The Cyprus problem also has implications as far as the European and Security Defence Policy (ESDP) is concerned. After the accession of Cyprus to the EU, new complications might arise, which might widen the transatlantic rift between the EU and the US (because of NATO). In fact, the EU’s proposed ESDP sought to give the EU the right to use NATO assets, without non-EU members of NATO (such as Turkey) having an effective veto. Turkey feared that a European force would intervene in Cyprus or in the dispute with Greece over the territorial waters in Heagan and therefore vetoed EU-NATO arrangements and blocked EU access to NATO assets. An agreement was found in December 2001 when the UK guaranteed there would not be any intervention in Cyprus or over Greek-Turkish disputes. Greece however refused such an agreement. EU-NATO relations could be blocked by Turkey as a reaction to the accession of Cyprus. At a time where many wonder whether NATO will remain the main security organisation in the enlarged Europe or whether the EU will create the ESDP out of NATO, the resolution of the Cyprus problem could be one factor among others to help rebuild transatlantic relations. As was demonstrated by the Iraq war, Turkey is a key ally for the US since it is the door to the Middle East and is also an ally of Israel. The US have therefore been pushing for Turkey’s EU membership. At a time when efforts are being made to heal transatlantic relations, the failure of finding a solution for Cyprus would probably worsen the relations with Turkey and add yet another source of tension between the EU and the US.

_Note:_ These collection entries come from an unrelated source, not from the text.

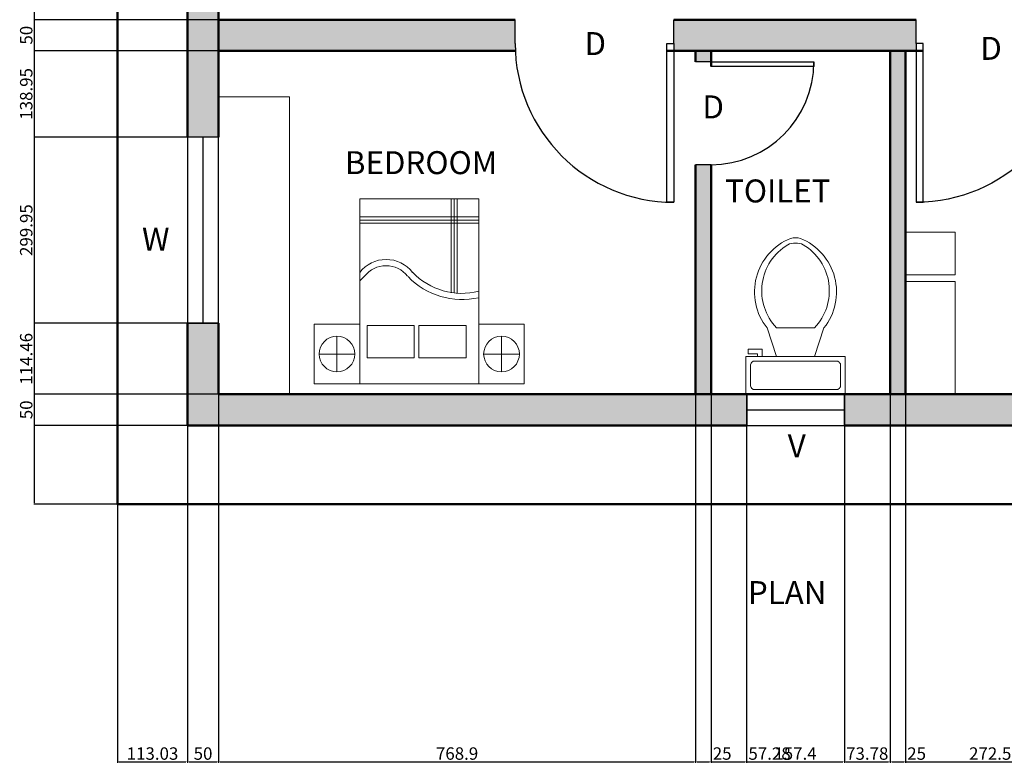
# Model space of a CAD drawing. Units: millimetres. Extents: x 1898 to 8115, y 727 to 4291.
# Tile 3 of 7: x 5191 to 6778, y 1079 to 2277. Entities that reach past the tile are written whole.
import ezdxf

# ---------------------------------------------------------------- set-up
doc = ezdxf.new("R2010")
doc.units = ezdxf.units.MM
for name, color, linetype, lineweight in [('A-ANNO-DIMS', 2, 'Continuous', 18), ('A-ANNO-TEXT', 7, 'Continuous', 25), ('A-AREA-IDEN', 3, 'Continuous', 25), ('A-DOOR', 3, 'Continuous', 25), ('A-FLOR-FIXT', 9, 'Continuous', 18), ('A-FURN', 8, 'Continuous', 18), ('A-GLAZ', 4, 'Continuous', 25), ('A-WALL', 7, 'Continuous', 50), ('A-WALL-PATT', 8, 'Continuous', 13)]:
    doc.layers.add(name, color=color, linetype=linetype, lineweight=lineweight)
doc.styles.get("Standard").update_dxf_attribs({"font": 'arial.ttf'})
doc.dimstyles.new('ISO-25', dxfattribs={"dimtxt": 20, "dimasz": 2.5, "dimexe": 1.25, "dimexo": 0.625, "dimtad": 1, "dimtxsty": 'Standard', "dimcen": 2.5, "dimadec": 0, "dimazin": 0, "dimtfac": 1, "dimtmove": 0, "dimatfit": 3, "dimfxl": 1, "dimarcsym": 0})

# ---------------------------------------------------------------- blocks, each defined once
blk = doc.blocks.new('*U43')
for p, q in [((0, 0), (0, -6)), ((40, 0), (40, -6))]:
    blk.add_line(p, q)
blk.add_lwpolyline([(0, 0), (0, 40), (1.75, 40), (1.75, 0)], close=True)
blk.add_arc((0, 0), 40, 0, 90)
blk = doc.blocks.new('*U45')
for p, q in [((9.5, -6), (9.5, -2)), ((-8, -8.5), (-8, -8)), ((-7, -8), (-7, -9.5)), ((-4, -8), (-6, -14)), ((4, -8), (6, -14)), ((-10, -8.5), (-8, -8.5)), ((-10, -9.5), (-10, -8.5)), ((-7, -9.5), (-10, -9.5)), ((4, -14), (-4, -14))]:
    blk.add_line(p, q)
blk.add_lwpolyline([(10.5, -8), (10.5, 0), (-10.5, 0), (-10.5, -8)], close=True)
for points in [[(-9.5, -2), (-9.5, -6)], [(8.5, -1), (-8.5, -1)], [(-8.5, -7), (8.5, -7)]]:
    blk.add_lwpolyline(points)
for centre, radius, start, end in [((-8.62, -1.88), 0.884, 81.8699, 188.1301), ((8.62, -1.88), 0.884, 351.8699, 98.1301), ((-8.62, -6.12), 0.884, 171.8699, 278.1301), ((8.62, -6.12), 0.884, 261.8699, 8.1301), ((3.52, -21.58), 12.17, 141.4691, 247.9714), ((4.2, -21.82), 11.33, 136.3677, 238.9468), ((-3.52, -21.58), 12.17, 292.0284, 38.5307), ((-4.2, -21.82), 11.33, 301.053, 43.6321), ((0, -27.88), 4, 245.7318, 294.2682), ((0, -29), 4, 254.8605, 285.1395)]:
    blk.add_arc(centre, radius, start, end)
blk = doc.blocks.new('BED-DOUBLE-SET')
for p, q in [((5578.8, 3262.9), (5578.8, 3320.5)), ((5550, 3291.7), (5607.6, 3291.7)), ((5704.8, 3246.7), (5696.6, 3255)), ((5789.5, 3063.1), (5789.5, 3255)), ((5794.5, 3063.1), (5794.5, 3255)), ((5799.5, 3063.1), (5799.5, 3255)), ((5677.2, 3107.9), (5828.6, 3107.9)), ((5677.2, 3102.9), (5828.6, 3102.9)), ((5677.2, 3097.9), (5828.6, 3097.9)), ((5578.8, 2997.7), (5578.8, 3055.3)), ((5550, 3026.5), (5607.6, 3026.5))]:
    blk.add_line(p, q)
for points in [[(5530.8, 3255), (5626.9, 3255), (5626.9, 3328.4), (5530.8, 3328.4)], [(5530.8, 3255), (5828.6, 3255), (5828.6, 3063.1), (5530.8, 3063.1)], [(5572.7, 3167.2), (5624.7, 3167.2), (5624.7, 3243.2), (5572.7, 3243.2)], [(5572.7, 3083.7), (5624.7, 3083.7), (5624.7, 3159.7), (5572.7, 3159.7)], [(5530.8, 2989.8), (5626.9, 2989.8), (5626.9, 3063.1), (5530.8, 3063.1)]]:
    blk.add_lwpolyline(points, close=True)
for centre in [(5578.8, 3291.7), (5578.8, 3026.5)]:
    blk.add_circle(centre, 28.8)
for centre, radius, start, end in [((5677.1, 3212.5), 54, 307.9745, 52.0255), ((5677.1, 3212.5), 44, 307.9745, 52.0255), ((5787.6, 3090), 121.1, 134.0052, 192.8109), ((5787.6, 3090), 111.1, 134.0052, 193.986)]:
    blk.add_arc(centre, radius, start, end)
blk = doc.blocks.new('*D59')
at = {"layer": 'A-ANNO-DIMS', "color": 0, "lineweight": -2, "transparency": 16777216}
for p, q in [((5347.9, 3559.7), (5213.8, 3559.7)), ((5215.1, 1499), (5215.1, 3557.2)), ((5347.9, 1496.5), (5213.8, 1496.5))]:
    blk.add_line(p, q, dxfattribs=at)
at = {"layer": 'A-ANNO-DIMS', "color": 0, "transparency": 16777216}
for points in [[(5214.6, 3557.2), (5215.5, 3557.2), (5215.1, 3559.7)], [(5214.6, 1499), (5215.5, 1499), (5215.1, 1496.5)]]:
    blk.add_solid(points, dxfattribs=at)
at = {"layer": 'Defpoints', "color": 0, "transparency": 16777216}
for p in [(5215.1, 3559.7), (5348.6, 3559.7), (5348.6, 1496.5)]:
    blk.add_point(p, dxfattribs=at)
at = {"layer": 'A-ANNO-DIMS', "color": 0, "transparency": 16777216, "insert": (5204.2, 2528.1), "char_height": 20, "attachment_point": 5, "rotation": 90}
blk.add_mtext('2063', dxfattribs=at)
blk = doc.blocks.new('*D60')
at = {"layer": 'A-ANNO-DIMS', "color": 0, "lineweight": -2, "transparency": 16777216}
for p, q in [((5461, 3440.7), (5213.8, 3440.7)), ((5215.1, 1626.1), (5215.1, 3438.2)), ((5461, 1623.6), (5213.8, 1623.6))]:
    blk.add_line(p, q, dxfattribs=at)
at = {"layer": 'A-ANNO-DIMS', "color": 0, "transparency": 16777216}
for points in [[(5214.6, 3438.2), (5215.5, 3438.2), (5215.1, 3440.7)], [(5214.6, 1626.1), (5215.5, 1626.1), (5215.1, 1623.6)]]:
    blk.add_solid(points, dxfattribs=at)
at = {"layer": 'Defpoints', "color": 0, "transparency": 16777216}
for p in [(5215.1, 3440.7), (5461.6, 3440.7), (5461.6, 1623.6)]:
    blk.add_point(p, dxfattribs=at)
at = {"layer": 'A-ANNO-DIMS', "color": 0, "transparency": 16777216, "insert": (5204.2, 2532.1), "char_height": 20, "attachment_point": 5, "rotation": 90}
blk.add_mtext('1817', dxfattribs=at)
blk = doc.blocks.new('*D61')
at = {"layer": 'A-ANNO-DIMS', "color": 0, "lineweight": -2, "transparency": 16777216}
for p, q in [((5461.6, 1623), (5461.6, 1080.3)), ((5348.6, 1495.9), (5348.6, 1080.3)), ((5351.1, 1081.6), (5459.1, 1081.6))]:
    blk.add_line(p, q, dxfattribs=at)
at = {"layer": 'A-ANNO-DIMS', "color": 0, "transparency": 16777216}
for points in [[(5351.1, 1082), (5351.1, 1081.2), (5348.6, 1081.6)], [(5459.1, 1082), (5459.1, 1081.2), (5461.6, 1081.6)]]:
    blk.add_solid(points, dxfattribs=at)
at = {"layer": 'Defpoints', "color": 0, "transparency": 16777216}
for p in [(5461.6, 1623.6), (5348.6, 1496.5), (5461.6, 1081.6)]:
    blk.add_point(p, dxfattribs=at)
at = {"layer": 'A-ANNO-DIMS', "color": 0, "transparency": 16777216, "insert": (5405.1, 1092.4), "char_height": 20, "attachment_point": 5}
blk.add_mtext('113.03', dxfattribs=at)
blk = doc.blocks.new('*D70')
at = {"layer": 'A-ANNO-DIMS', "color": 0, "lineweight": -2, "transparency": 16777216}
for p, q in [((5511.6, 1673), (5511.6, 1080.3)), ((5461.6, 1623), (5461.6, 1080.3)), ((5464.1, 1081.6), (5509.1, 1081.6))]:
    blk.add_line(p, q, dxfattribs=at)
at = {"layer": 'A-ANNO-DIMS', "color": 0, "transparency": 16777216}
for points in [[(5464.1, 1082), (5464.1, 1081.2), (5461.6, 1081.6)], [(5509.1, 1082), (5509.1, 1081.2), (5511.6, 1081.6)]]:
    blk.add_solid(points, dxfattribs=at)
at = {"layer": 'Defpoints', "color": 0, "transparency": 16777216}
for p in [(5511.6, 1673.6), (5461.6, 1623.6), (5511.6, 1081.6)]:
    blk.add_point(p, dxfattribs=at)
at = {"layer": 'A-ANNO-DIMS', "color": 0, "transparency": 16777216, "insert": (5486.6, 1092.4), "char_height": 20, "attachment_point": 5}
blk.add_mtext('50', dxfattribs=at)
blk = doc.blocks.new('*D71')
at = {"layer": 'A-ANNO-DIMS', "color": 0, "lineweight": -2, "transparency": 16777216}
for p, q in [((5511.6, 1673), (5511.6, 1080.3)), ((6280.5, 1673), (6280.5, 1080.3)), ((5514.1, 1081.6), (6278, 1081.6))]:
    blk.add_line(p, q, dxfattribs=at)
at = {"layer": 'A-ANNO-DIMS', "color": 0, "transparency": 16777216}
for points in [[(5514.1, 1082), (5514.1, 1081.2), (5511.6, 1081.6)], [(6278, 1082), (6278, 1081.2), (6280.5, 1081.6)]]:
    blk.add_solid(points, dxfattribs=at)
at = {"layer": 'Defpoints', "color": 0, "transparency": 16777216}
for p in [(5511.6, 1673.6), (6280.5, 1673.6), (6280.5, 1081.6)]:
    blk.add_point(p, dxfattribs=at)
at = {"layer": 'A-ANNO-DIMS', "color": 0, "transparency": 16777216, "insert": (5896, 1092.4), "char_height": 20, "attachment_point": 5}
blk.add_mtext('768.9', dxfattribs=at)
blk = doc.blocks.new('*D72')
at = {"layer": 'A-ANNO-DIMS', "color": 0, "lineweight": -2, "transparency": 16777216}
for p, q in [((6280.5, 1673), (6280.5, 1080.3)), ((6305.5, 1673), (6305.5, 1080.3)), ((6283, 1081.6), (6303, 1081.6)), ((6305.5, 1081.6), (6338.4, 1081.6))]:
    blk.add_line(p, q, dxfattribs=at)
at = {"layer": 'A-ANNO-DIMS', "color": 0, "transparency": 16777216}
for points in [[(6283, 1082), (6283, 1081.2), (6280.5, 1081.6)], [(6303, 1082), (6303, 1081.2), (6305.5, 1081.6)]]:
    blk.add_solid(points, dxfattribs=at)
at = {"layer": 'Defpoints', "color": 0, "transparency": 16777216}
for p in [(6280.5, 1673.6), (6305.5, 1673.6), (6305.5, 1081.6)]:
    blk.add_point(p, dxfattribs=at)
at = {"layer": 'A-ANNO-DIMS', "color": 0, "transparency": 16777216, "insert": (6323.2, 1092.4), "char_height": 20, "attachment_point": 5}
blk.add_mtext('25', dxfattribs=at)
blk = doc.blocks.new('*D73')
at = {"layer": 'A-ANNO-DIMS', "color": 0, "lineweight": -2, "transparency": 16777216}
for p, q in [((6305.5, 1673), (6305.5, 1080.3)), ((6362.7, 1673), (6362.7, 1080.3)), ((6308, 1081.6), (6360.2, 1081.6)), ((6362.7, 1081.6), (6434, 1081.6))]:
    blk.add_line(p, q, dxfattribs=at)
at = {"layer": 'A-ANNO-DIMS', "color": 0, "transparency": 16777216}
for points in [[(6308, 1082), (6308, 1081.2), (6305.5, 1081.6)], [(6360.2, 1082), (6360.2, 1081.2), (6362.7, 1081.6)]]:
    blk.add_solid(points, dxfattribs=at)
at = {"layer": 'Defpoints', "color": 0, "transparency": 16777216}
for p in [(6305.5, 1673.6), (6362.7, 1673.6), (6362.7, 1081.6)]:
    blk.add_point(p, dxfattribs=at)
at = {"layer": 'A-ANNO-DIMS', "color": 0, "transparency": 16777216, "insert": (6399.6, 1092.4), "char_height": 20, "attachment_point": 5}
blk.add_mtext('57.28', dxfattribs=at)
blk = doc.blocks.new('*D74')
at = {"layer": 'A-ANNO-DIMS', "color": 0, "lineweight": -2, "transparency": 16777216}
for p, q in [((6362.7, 1673), (6362.7, 1080.3)), ((6520.2, 1673), (6520.2, 1080.3)), ((6365.2, 1081.6), (6517.7, 1081.6))]:
    blk.add_line(p, q, dxfattribs=at)
at = {"layer": 'A-ANNO-DIMS', "color": 0, "transparency": 16777216}
for points in [[(6365.2, 1082), (6365.2, 1081.2), (6362.7, 1081.6)], [(6517.7, 1082), (6517.7, 1081.2), (6520.2, 1081.6)]]:
    blk.add_solid(points, dxfattribs=at)
at = {"layer": 'Defpoints', "color": 0, "transparency": 16777216}
for p in [(6362.7, 1673.6), (6520.2, 1673.6), (6520.2, 1081.6)]:
    blk.add_point(p, dxfattribs=at)
at = {"layer": 'A-ANNO-DIMS', "color": 0, "transparency": 16777216, "insert": (6441.4, 1092.4), "char_height": 20, "attachment_point": 5}
blk.add_mtext('157.4', dxfattribs=at)
blk = doc.blocks.new('*D75')
at = {"layer": 'A-ANNO-DIMS', "color": 0, "lineweight": -2, "transparency": 16777216}
for p, q in [((6520.2, 1673), (6520.2, 1080.3)), ((6593.9, 1673), (6593.9, 1080.3)), ((6522.7, 1081.6), (6591.4, 1081.6))]:
    blk.add_line(p, q, dxfattribs=at)
at = {"layer": 'A-ANNO-DIMS', "color": 0, "transparency": 16777216}
for points in [[(6522.7, 1082), (6522.7, 1081.2), (6520.2, 1081.6)], [(6591.4, 1082), (6591.4, 1081.2), (6593.9, 1081.6)]]:
    blk.add_solid(points, dxfattribs=at)
at = {"layer": 'Defpoints', "color": 0, "transparency": 16777216}
for p in [(6520.2, 1673.6), (6593.9, 1673.6), (6593.9, 1081.6)]:
    blk.add_point(p, dxfattribs=at)
at = {"layer": 'A-ANNO-DIMS', "color": 0, "transparency": 16777216, "insert": (6557, 1092.4), "char_height": 20, "attachment_point": 5}
blk.add_mtext('73.78', dxfattribs=at)
blk = doc.blocks.new('*D76')
at = {"layer": 'A-ANNO-DIMS', "color": 0, "lineweight": -2, "transparency": 16777216}
for p, q in [((6593.9, 1673), (6593.9, 1080.3)), ((6618.9, 1673), (6618.9, 1080.3)), ((6596.4, 1081.6), (6616.4, 1081.6)), ((6618.9, 1081.6), (6651.8, 1081.6))]:
    blk.add_line(p, q, dxfattribs=at)
at = {"layer": 'A-ANNO-DIMS', "color": 0, "transparency": 16777216}
for points in [[(6596.4, 1082), (6596.4, 1081.2), (6593.9, 1081.6)], [(6616.4, 1082), (6616.4, 1081.2), (6618.9, 1081.6)]]:
    blk.add_solid(points, dxfattribs=at)
at = {"layer": 'Defpoints', "color": 0, "transparency": 16777216}
for p in [(6593.9, 1673.6), (6618.9, 1673.6), (6618.9, 1081.6)]:
    blk.add_point(p, dxfattribs=at)
at = {"layer": 'A-ANNO-DIMS', "color": 0, "transparency": 16777216, "insert": (6636.6, 1092.4), "char_height": 20, "attachment_point": 5}
blk.add_mtext('25', dxfattribs=at)
blk = doc.blocks.new('*D77')
at = {"layer": 'A-ANNO-DIMS', "color": 0, "lineweight": -2, "transparency": 16777216}
for p, q in [((6618.9, 1673), (6618.9, 1080.3)), ((7265.8, 1673), (7265.8, 1080.3)), ((6621.4, 1081.6), (7263.3, 1081.6))]:
    blk.add_line(p, q, dxfattribs=at)
at = {"layer": 'A-ANNO-DIMS', "color": 0, "transparency": 16777216}
for points in [[(6621.4, 1082), (6621.4, 1081.2), (6618.9, 1081.6)], [(7263.3, 1082), (7263.3, 1081.2), (7265.8, 1081.6)]]:
    blk.add_solid(points, dxfattribs=at)
at = {"layer": 'Defpoints', "color": 0, "transparency": 16777216}
for p in [(6618.9, 1673.6), (7265.8, 1673.6), (7265.8, 1081.6)]:
    blk.add_point(p, dxfattribs=at)
at = {"layer": 'A-ANNO-DIMS', "color": 0, "transparency": 16777216, "insert": (6942.3, 1092.4), "char_height": 20, "attachment_point": 5}
blk.add_mtext('646.8', dxfattribs=at)
blk = doc.blocks.new('*D79')
at = {"layer": 'A-ANNO-DIMS', "color": 0, "lineweight": -2, "transparency": 16777216}
for p, q in [((5511, 1673.6), (5213.8, 1673.6)), ((5215.1, 1626.1), (5215.1, 1671.1)), ((5461, 1623.6), (5213.8, 1623.6))]:
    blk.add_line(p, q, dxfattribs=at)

The paradox remains that in order to find a settlement to the Cyprus problem, a solution will have to be found in Turkey. In order to engage in further dialogue, the Turkish military, which supports strong nationalist ideas, would have to be weakened. However, Turkish military leaders have recently felt strengthened by the US war plans in Iraq, which sought the help of Turkey.
By ruining the process in Cyprus in order to preserve what it sees as a crucial bargaining chip for negotiation on EU entry, Turkey is following a high risk strategy, which could jeopardise not only EU’s €208 million promised help to the North of the island, but also Turkey’s EU accession, as well as the already destabilised transatlantic relations.